Low-Temperature Selective Catalytic Reduction of NO with NH3 over a Biochar-Supported Perovskite Oxide Catalyst

Maintaining high denitration efficiency for the selective catalytic reduction with ammonia (NH3-SCR) at low temperatures is challenging. In this work, a modified biochar-supported perovskite oxide catalyst was synthesized and implemented to NO conversion in the low temperature range of 100-250 degrees C. Different modification methods were compared, where the combination of nitric acid and air oxidation treatment endowed biochar with abundant acidic surface oxygen-containing groups and a higher specific surface area as a support. The perovskite oxide (LaMnO3) and the LaMnO3/biochar catalysts were prepared to investigate the interactions between the catalyst and the support. The LaMnO3/biochar catalyst exhibited excellent denitration efficiency and good N2 selectivity, achieving over 80% NO conversion within the entire temperature range of 100-250 degrees C (SN2 > 90%), and the highest NO conversion reached 95.8% at 225 degrees C (SN2 = 95.4%). This catalyst provided synergistic adsorption capacity for NH3 as a result of the acidic function of perovskite oxide and acidic oxygen-containing functional groups of the modified biochar support.
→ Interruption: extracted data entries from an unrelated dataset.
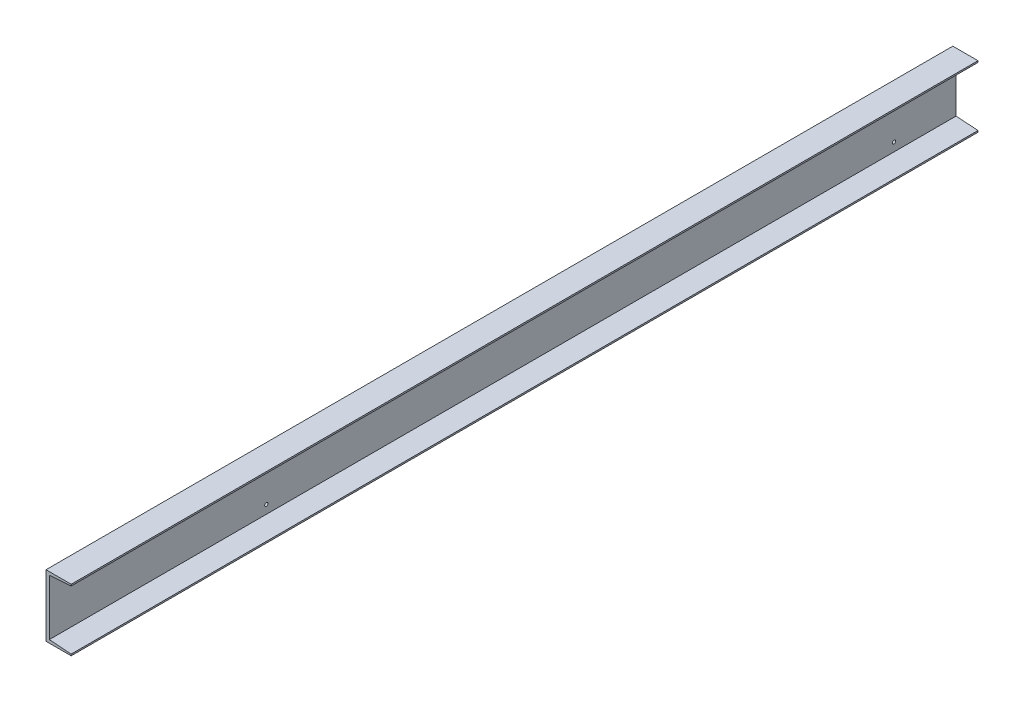
SolidWorks part; units mm, degrees
material "A3"
ref_plane "前视基准面" through (0, 0, 0) normal (0, 0, 1) x (1, 0, 0)
ref_plane "上视基准面" through (0, 0, 0) normal (0, 1, 0) x (1, 0, 0)
ref_plane "右视基准面" through (0, 0, 0) normal (1, 0, 0) x (0, 0, -1)
sketch "草图1" plane through (0, 0, 0) normal (0, 0, 1) x (1, 0, 0)
  line L0 (0, 0) -> (65, 0)
  line L1 (0, 0) -> (0, 160)
  line L2 (65, 156) -> (8.5, 152)
  line L3 (65, 0) -> (65, 4)
  line L4 (65, 4) -> (8.5, 8)
  line L5 (8.5, 8) -> (8.5, 152)
  line L6 (0, 80) -> (8.5, 80) construction
  line L7 (65, 160) -> (65, 156)
  line L8 (0, 160) -> (65, 160)
  dimension "D1" = 160
  dimension "D2" = 65
  dimension "D3" = 4
  dimension "D4" = 8.5
  dimension "D5" = 144
extrude "凸台-拉伸1" add sketch "草图1" along normal mid plane 2340
hole_wizard "M10 螺纹孔1" positions "草图2" profile "草图3" tap size "M10" standard "GB"
sketch "草图2" plane through (0, 0, 0) normal (-1, 0, 0) x (0, 0, 1)
  line L3 (-1170, 160) -> (-1170, 0) construction
  line L4 (-1170, 80) -> (1170, 80) construction
  line L5 (1170, 160) -> (1170, 0) construction
  point P0 (-1010, 30)
  point P11 (610, 30)
  point P17 (-1010, 130)
  point P18 (610, 130)
  point P23 (-1170, 80)
  point P36 (610, 130)
  point P37 (-1010, 130)
  dimension "D1" = 100
  dimension "D2" = 160
  dimension "D5" = 560
  dimension "D3" = 2
  dimension "D4" = 2
sketch "草图3" plane through (0, 30, -1010) normal (0, 1, 0) x (0, 0, 1)
  line L0 (0, 0) -> (0, 30.0537)
  line L1 (0, 30.0537) -> (4.25, 27.5)
  line L2 (4.25, 27.5) -> (4.25, 0)
  line L5 (4.25, 0) -> (0, 0)
  line L10 (0, 30.0537) -> (-4.25, 27.5) construction
  line L11 (0, -6.35) -> (0, 107.95) construction
  dimension "螺纹孔钻头直径" = 8.5
  dimension "螺纹孔钻头深度" = 27.5
  dimension "导头角度" = 118
cosmetic thread "孔螺蚊线1" parameters "D1"=20, "D2"=10
cosmetic thread "孔螺蚊线4" parameters "D1"=20, "D2"=10
cosmetic thread "孔螺蚊线5" parameters "D1"=20, "D2"=10
cosmetic thread "孔螺蚊线6" parameters "D1"=20, "D2"=10

Additionally, LaMnO3 showed an eminent redox capability for NO conversion due to the high content of Mn4+ and chemically adsorbed oxygen species. Finally, NH3-SCR reaction mechanisms were proposed on the basis of transient response experiments and in situ diffuse reflectance infrared Fourier transform spectra (DRIFTS) characterization.

Automated summary

In this study, a modified biochar-supported perovskite oxide catalyst was synthesized to achieve high denitration efficiency for selective catalytic reduction with ammonia (NH3-SCR) at low temperatures. Different modification methods were compared, and it was found that the combination of nitric acid and air oxidation treatment provided a biochar support with abundant acidic surface oxygen-containing groups and a higher specific surface area. The LaMnO3/biochar catalyst exhibited excellent denitration efficiency and good N2 selectivity, achieving over 80% NO conversion within the entire temperature range of 100-250 degrees C. The catalyst provided synergistic adsorption capacity for NH3 through the acidic function of perovskite oxide and modified biochar support, and LaMnO3 showed a strong redox capability for NO conversion due to the high content of Mn4+ and chemically adsorbed oxygen species. The NH3-SCR reaction mechanisms were proposed based on transient response experiments and in situ diffuse reflectance infrared Fourier transform spectra (DRIFTS) characterization.